B. Extraits de Traités et Actes Fondamentaux
Une lecture directe des textes fondateurs est indispensable à toute analyse sérieuse des relations internationales. Cet appendice regroupe des extraits commentés de documents capitaux : l’Acte général de Berlin (1885), la Charte des Nations Unies (1945), l’Acte constitutif de l’Union Africaine (2000) et le traité de la SADC. L’objectif est de fournir à l’étudiant la matière première juridique pour décrypter les logiques de pouvoir, les obligations des États et les fondements des contentieux actuels impliquant la RDC.
C. Organigrammes Structurels des Institutions Clés
La visualisation des architectures de pouvoir clarifie les circuits de décision et les zones d’influence. Sont présentés ici les organigrammes fonctionnels de l’ONU, de l’Union Africaine (UA) et de la Communauté Économique des États de l’Afrique Centrale (CEEAC). Chaque schéma est annoté pour mettre en évidence les organes principaux, leurs compétences et les points d’entrée potentiels pour la diplomatie congolaise. Comprendre ces structures est un prérequis pour naviguer efficacement dans l’écosystème multilatéral.

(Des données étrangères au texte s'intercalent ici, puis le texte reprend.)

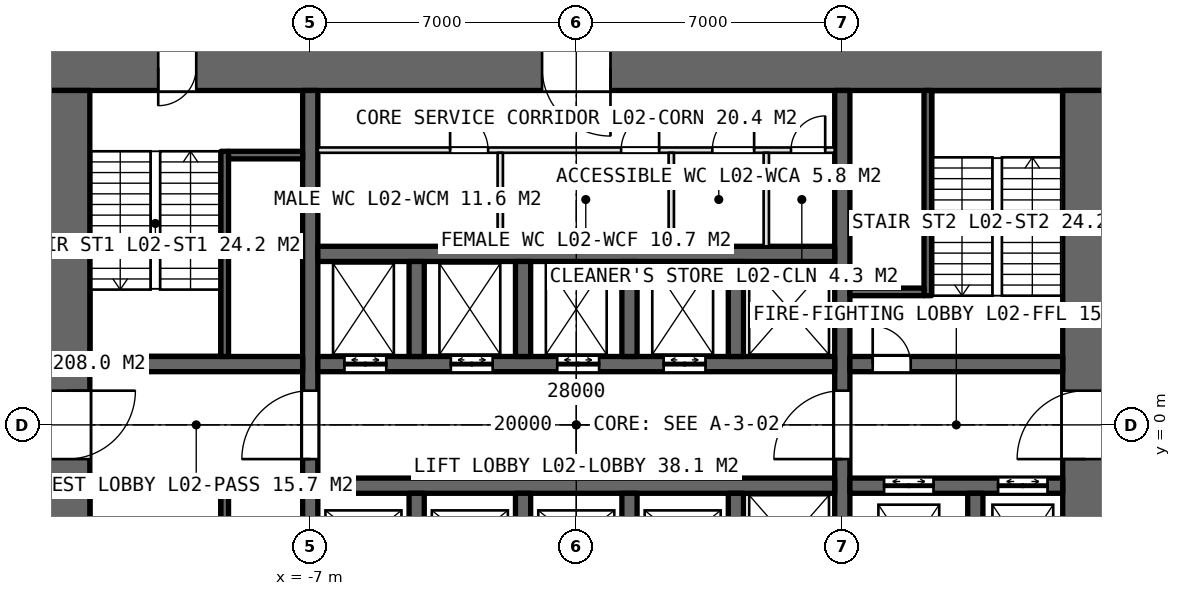
"""IFC4 building model, lengths in metres.
Left out: names, types, materials, properties, quantities, classifications, styles, units other than length and angle.
Written with IfcOpenShell. Run it as: python <this file> out.ifc"""

import sys

from ifc_helpers import new_model, si_unit, direction, frame, frame_2d, origin, place, context, subcontext, project, spatial, rectangle, extrude, element, fill, save


model = new_model("IFC4")
c1 = context("Model", 3, precision=1e-05, world=origin(), true_north=direction((0.0, 1.0)))
c2 = subcontext(c1, "Body", "Model", "MODEL_VIEW")
j1 = project(units=[si_unit("LENGTHUNIT", "METRE"), si_unit("PLANEANGLEUNIT", "RADIAN")], contexts=[c1])
p1 = place(None, origin())
s1 = spatial("IfcSite", under=j1, at=p1, CompositionType="ELEMENT")
p2 = place(p1, origin())
s2 = spatial("IfcBuilding", under=s1, at=p2, CompositionType="ELEMENT")
p3 = place(p2, frame((0.0, 0.0, 10.0)))
s3 = spatial("IfcBuildingStorey", under=s2, at=p3, CompositionType="ELEMENT", Elevation=10.0)
p4 = place(p3, frame((14.0, 9.4, 0.0), z_axis=(0.0, 0.0, 1.0), x_axis=(-1.0, 0.0, 0.0)))
e1 = element("IfcWall", 1, at=p4, inside=s3, PredefinedType="SHEAR", context=c2, shape_type="SweptSolid", body=[
    extrude(rectangle(XDim=28.0, YDim=1.2, at=frame_2d((14.0, 0.0))), origin(), (0.0, 0.0, 1.0), 5.0),
])
p5 = place(p4, frame((24.0, 0.0, 0.0)))
e2 = element("IfcOpeningElement", 2, at=p5, cuts=e1, PredefinedType="OPENING", context=c2, shape_type="SweptSolid", body=[
    extrude(rectangle(XDim=1.0, YDim=2.4, at=frame_2d((0.5, 1.2))), frame((0.0, 0.61, 0.0), z_axis=(0.0, -1.0, 0.0), x_axis=(1.0, 0.0, 0.0)), (0.0, 0.0, 1.0), 1.22),
])
p6 = place(p4, frame((13.1, 0.0, 0.0)))
e3 = element("IfcOpeningElement", 3, at=p6, cuts=e1, PredefinedType="OPENING", context=c2, shape_type="SweptSolid", body=[
    extrude(rectangle(XDim=1.8, YDim=2.4, at=frame_2d((0.9, 1.2))), frame((0.0, 0.61, 0.0), z_axis=(0.0, -1.0, 0.0), x_axis=(1.0, 0.0, 0.0)), (0.0, 0.0, 1.0), 1.22),
])
p7 = place(p3, frame((-13.4, 8.8, 0.0), z_axis=(0.0, 0.0, 1.0), x_axis=(0.0, -1.0, 0.0)))
e4 = element("IfcWall", 4, at=p7, inside=s3, PredefinedType="SHEAR", context=c2, shape_type="SweptSolid", body=[
    extrude(rectangle(XDim=17.6, YDim=1.2, at=frame_2d((8.8, 0.0))), origin(), (0.0, 0.0, 1.0), 5.0),
])
p8 = place(p7, frame((7.9, 0.0, 0.0)))
e5 = element("IfcOpeningElement", 5, at=p8, cuts=e4, PredefinedType="OPENING", context=c2, shape_type="SweptSolid", body=[
    extrude(rectangle(XDim=1.8, YDim=2.4, at=frame_2d((0.9, 1.2))), frame((0.0, 0.61, 0.0), z_axis=(0.0, -1.0, 0.0), x_axis=(1.0, 0.0, 0.0)), (0.0, 0.0, 1.0), 1.22),
])
p9 = place(p7, frame((16.5, 0.0, 0.0)))
e6 = element("IfcOpeningElement", 6, at=p9, cuts=e4, PredefinedType="OPENING", context=c2, shape_type="SweptSolid", body=[
    extrude(rectangle(XDim=1.0, YDim=2.4, at=frame_2d((0.5, 1.2))), frame((0.0, 0.61, 0.0), z_axis=(0.0, -1.0, 0.0), x_axis=(1.0, 0.0, 0.0)), (0.0, 0.0, 1.0), 1.22),
])
p10 = place(p3, frame((13.4, -8.8, 0.0), z_axis=(0.0, 0.0, 1.0), x_axis=(0.0, 1.0, 0.0)))
e7 = element("IfcWall", 7, at=p10, inside=s3, PredefinedType="SHEAR", context=c2, shape_type="SweptSolid", body=[
    extrude(rectangle(XDim=17.6, YDim=1.2, at=frame_2d((8.8, 0.0))), origin(), (0.0, 0.0, 1.0), 5.0),
])
p11 = place(p10, frame((7.9, 0.0, 0.0)))
e8 = element("IfcOpeningElement", 8, at=p11, cuts=e7, PredefinedType="OPENING", context=c2, shape_type="SweptSolid", body=[
    extrude(rectangle(XDim=1.8, YDim=2.4, at=frame_2d((0.9, 1.2))), frame((0.0, 0.61, 0.0), z_axis=(0.0, -1.0, 0.0), x_axis=(1.0, 0.0, 0.0)), (0.0, 0.0, 1.0), 1.22),
])
p12 = place(p3, frame((-7.0, -8.8, 0.0), z_axis=(0.0, 0.0, 1.0), x_axis=(0.0, 1.0, 0.0)))
e9 = element("IfcWall", 9, at=p12, inside=s3, PredefinedType="SHEAR", context=c2, shape_type="SweptSolid", body=[
    extrude(rectangle(XDim=17.6, YDim=0.4, at=frame_2d((8.8, 0.0))), origin(), (0.0, 0.0, 1.0), 5.0),
])
p13 = place(p12, frame((7.9, 0.0, 0.0)))
e10 = element("IfcOpeningElement", 10, at=p13, cuts=e9, PredefinedType="OPENING", context=c2, shape_type="SweptSolid", body=[
    extrude(rectangle(XDim=1.8, YDim=2.4, at=frame_2d((0.9, 1.2))), frame((0.0, 0.21, 0.0), z_axis=(0.0, -1.0, 0.0), x_axis=(1.0, 0.0, 0.0)), (0.0, 0.0, 1.0), 0.42),
])
p14 = place(p3, frame((7.0, -8.8, 0.0), z_axis=(0.0, 0.0, 1.0), x_axis=(0.0, 1.0, 0.0)))
e11 = element("IfcWall", 11, at=p14, inside=s3, PredefinedType="SHEAR", context=c2, shape_type="SweptSolid", body=[
    extrude(rectangle(XDim=17.6, YDim=0.4, at=frame_2d((8.8, 0.0))), origin(), (0.0, 0.0, 1.0), 5.0),
])
p15 = place(p14, frame((7.9, 0.0, 0.0)))
e12 = element("IfcOpeningElement", 12, at=p15, cuts=e11, PredefinedType="OPENING", context=c2, shape_type="SweptSolid", body=[
    extrude(rectangle(XDim=1.8, YDim=2.4, at=frame_2d((0.9, 1.2))), frame((0.0, 0.21, 0.0), z_axis=(0.0, -1.0, 0.0), x_axis=(1.0, 0.0, 0.0)), (0.0, 0.0, 1.0), 0.42),
])
p16 = place(p3, frame((-6.8, 1.6, 0.0), z_axis=(0.0, 0.0, 1.0), x_axis=(1.0, 0.0, 0.0)))
e13 = element("IfcWall", 13, at=p16, inside=s3, PredefinedType="SHEAR", context=c2, shape_type="SweptSolid", body=[
    extrude(rectangle(XDim=13.6, YDim=0.4, at=frame_2d((6.8, 0.0))), origin(), (0.0, 0.0, 1.0), 5.0),
])
p17 = place(p16, frame((0.7, 0.0, 0.0)))
e14 = element("IfcOpeningElement", 14, at=p17, cuts=e13, PredefinedType="OPENING", context=c2, shape_type="SweptSolid", body=[
    extrude(rectangle(XDim=1.1, YDim=2.4, at=frame_2d((0.55, 1.2))), frame((0.0, 0.21, 0.0), z_axis=(0.0, -1.0, 0.0), x_axis=(1.0, 0.0, 0.0)), (0.0, 0.0, 1.0), 0.42),
])
p18 = place(p16, frame((3.5, 0.0, 0.0)))
e15 = element("IfcOpeningElement", 15, at=p18, cuts=e13, PredefinedType="OPENING", context=c2, shape_type="SweptSolid", body=[
    extrude(rectangle(XDim=1.1, YDim=2.4, at=frame_2d((0.55, 1.2))), frame((0.0, 0.21, 0.0), z_axis=(0.0, -1.0, 0.0), x_axis=(1.0, 0.0, 0.0)), (0.0, 0.0, 1.0), 0.42),
])
p19 = place(p16, frame((6.3, 0.0, 0.0)))
e16 = element("IfcOpeningElement", 16, at=p19, cuts=e13, PredefinedType="OPENING", context=c2, shape_type="SweptSolid", body=[
    extrude(rectangle(XDim=1.1, YDim=2.4, at=frame_2d((0.55, 1.2))), frame((0.0, 0.21, 0.0), z_axis=(0.0, -1.0, 0.0), x_axis=(1.0, 0.0, 0.0)), (0.0, 0.0, 1.0), 0.42),
])
p20 = place(p16, frame((9.1, 0.0, 0.0)))
e17 = element("IfcOpeningElement", 17, at=p20, cuts=e13, PredefinedType="OPENING", context=c2, shape_type="SweptSolid", body=[
    extrude(rectangle(XDim=1.1, YDim=2.4, at=frame_2d((0.55, 1.2))), frame((0.0, 0.21, 0.0), z_axis=(0.0, -1.0, 0.0), x_axis=(1.0, 0.0, 0.0)), (0.0, 0.0, 1.0), 0.42),
])
for number, where, z_axis, x_axis in (
    (18, (-6.8, -1.6, 0.0), (0.0, 0.0, 1.0), (1.0, 0.0, 0.0)),
    (19, (-6.8, 4.5, 0.0), (0.0, 0.0, 1.0), (1.0, 0.0, 0.0)),
):
    element("IfcWall", number, at=place(p3, frame(where, z_axis=z_axis, x_axis=x_axis)), inside=s3, PredefinedType="SHEAR", context=c2, shape_type="SweptSolid", body=[
        extrude(rectangle(XDim=13.6, YDim=0.4, at=frame_2d((6.8, 0.0))), origin(), (0.0, 0.0, 1.0), 5.0),
    ])
for number, where, z_axis, x_axis in (
    (20, (-12.8, 1.6, 0.0), (0.0, 0.0, 1.0), (1.0, 0.0, 0.0)),
    (21, (-12.8, -1.6, 0.0), (0.0, 0.0, 1.0), (1.0, 0.0, 0.0)),
):
    element("IfcWall", number, at=place(p3, frame(where, z_axis=z_axis, x_axis=x_axis)), inside=s3, PredefinedType="SHEAR", context=c2, shape_type="SweptSolid", body=[
        extrude(rectangle(XDim=5.6, YDim=0.4, at=frame_2d((2.8, 0.0))), origin(), (0.0, 0.0, 1.0), 5.0),
    ])
p21 = place(p3, frame((7.2, 1.6, 0.0), z_axis=(0.0, 0.0, 1.0), x_axis=(1.0, 0.0, 0.0)))
e22 = element("IfcWall", 22, at=p21, inside=s3, PredefinedType="SHEAR", context=c2, shape_type="SweptSolid", body=[
    extrude(rectangle(XDim=5.6, YDim=0.4, at=frame_2d((2.8, 0.0))), origin(), (0.0, 0.0, 1.0), 5.0),
])
p22 = place(p21, frame((0.6, 0.0, 0.0)))
e23 = element("IfcOpeningElement", 23, at=p22, cuts=e22, PredefinedType="OPENING", context=c2, shape_type="SweptSolid", body=[
    extrude(rectangle(XDim=1.0, YDim=2.4, at=frame_2d((0.5, 1.2))), frame((0.0, 0.21, 0.0), z_axis=(0.0, -1.0, 0.0), x_axis=(1.0, 0.0, 0.0)), (0.0, 0.0, 1.0), 0.42),
])
p23 = place(p3, frame((7.2, -1.6, 0.0), z_axis=(0.0, 0.0, 1.0), x_axis=(1.0, 0.0, 0.0)))
e24 = element("IfcWall", 24, at=p23, inside=s3, PredefinedType="SHEAR", context=c2, shape_type="SweptSolid", body=[
    extrude(rectangle(XDim=5.6, YDim=0.4, at=frame_2d((2.8, 0.0))), origin(), (0.0, 0.0, 1.0), 5.0),
])
p24 = place(p23, frame((0.9, 0.0, 0.0)))
e25 = element("IfcOpeningElement", 25, at=p24, cuts=e24, PredefinedType="OPENING", context=c2, shape_type="SweptSolid", body=[
    extrude(rectangle(XDim=1.3, YDim=2.4, at=frame_2d((0.65, 1.2))), frame((0.0, 0.21, 0.0), z_axis=(0.0, -1.0, 0.0), x_axis=(1.0, 0.0, 0.0)), (0.0, 0.0, 1.0), 0.42),
])
p25 = place(p23, frame((3.9, 0.0, 0.0)))
e26 = element("IfcOpeningElement", 26, at=p25, cuts=e24, PredefinedType="OPENING", context=c2, shape_type="SweptSolid", body=[
    extrude(rectangle(XDim=1.3, YDim=2.4, at=frame_2d((0.65, 1.2))), frame((0.0, 0.21, 0.0), z_axis=(0.0, -1.0, 0.0), x_axis=(1.0, 0.0, 0.0)), (0.0, 0.0, 1.0), 0.42),
])
p26 = place(p3, frame((10.5, -4.8, 0.0), z_axis=(0.0, 0.0, 1.0), x_axis=(0.0, 1.0, 0.0)))
e27 = element("IfcWall", 27, at=p26, inside=s3, PredefinedType="SHEAR", context=c2, shape_type="SweptSolid", body=[
    extrude(rectangle(XDim=3.0, YDim=0.4, at=frame_2d((1.5, 0.0))), origin(), (0.0, 0.0, 1.0), 5.0),
])
for number, where, z_axis, x_axis in (
    (28, (-4.2, 1.8, 0.0), (0.0, 0.0, 1.0), (0.0, 1.0, 0.0)),
    (29, (-4.2, -4.3, 0.0), (0.0, 0.0, 1.0), (0.0, 1.0, 0.0)),
    (30, (-1.4, 1.8, 0.0), (0.0, 0.0, 1.0), (0.0, 1.0, 0.0)),
    (31, (-1.4, -4.3, 0.0), (0.0, 0.0, 1.0), (0.0, 1.0, 0.0)),
    (32, (1.4, 1.8, 0.0), (0.0, 0.0, 1.0), (0.0, 1.0, 0.0)),
    (33, (1.4, -4.3, 0.0), (0.0, 0.0, 1.0), (0.0, 1.0, 0.0)),
    (34, (4.2, 1.8, 0.0), (0.0, 0.0, 1.0), (0.0, 1.0, 0.0)),
    (35, (4.2, -4.3, 0.0), (0.0, 0.0, 1.0), (0.0, 1.0, 0.0)),
):
    element("IfcWall", number, at=place(p3, frame(where, z_axis=z_axis, x_axis=x_axis)), inside=s3, PredefinedType="SHEAR", context=c2, shape_type="SweptSolid", body=[
        extrude(rectangle(XDim=2.5, YDim=0.4, at=frame_2d((1.25, 0.0))), origin(), (0.0, 0.0, 1.0), 5.0),
    ])
p27 = place(p3, frame((-6.8, 7.23, 0.0), z_axis=(0.0, 0.0, 1.0), x_axis=(1.0, 0.0, 0.0)))
e36 = element("IfcWall", 36, at=p27, inside=s3, PredefinedType="PARTITIONING", context=c2, shape_type="SweptSolid", body=[
    extrude(rectangle(XDim=13.6, YDim=0.14, at=frame_2d((6.8, 0.0))), origin(), (0.0, 0.0, 1.0), 4.75),
])
p28 = place(p27, frame((3.48, 0.0, 0.0)))
e37 = element("IfcOpeningElement", 37, at=p28, cuts=e36, PredefinedType="OPENING", context=c2, shape_type="SweptSolid", body=[
    extrude(rectangle(XDim=1.0, YDim=2.4, at=frame_2d((0.5, 1.2))), frame((0.0, 0.08, 0.0), z_axis=(0.0, -1.0, 0.0), x_axis=(1.0, 0.0, 0.0)), (0.0, 0.0, 1.0), 0.16),
])
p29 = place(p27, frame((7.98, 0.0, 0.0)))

D. Guide Méthodologique pour la Note d’Analyse Géostratégique
Transformer l’analyse historique en outil d’aide à la décision est la compétence finale visée. Ce guide propose une méthodologie rigoureuse pour la rédaction d’une note d’analyse géostratégique : structure type (contexte, enjeux, options, recommandation), techniques de sourcing et de vérification de l’information, et style de rédaction synthétique adapté aux décideurs. Il s’agit d’un canevas professionnel directement applicable dans un ministère, une ambassade ou une ONG internationale opérant en RDC.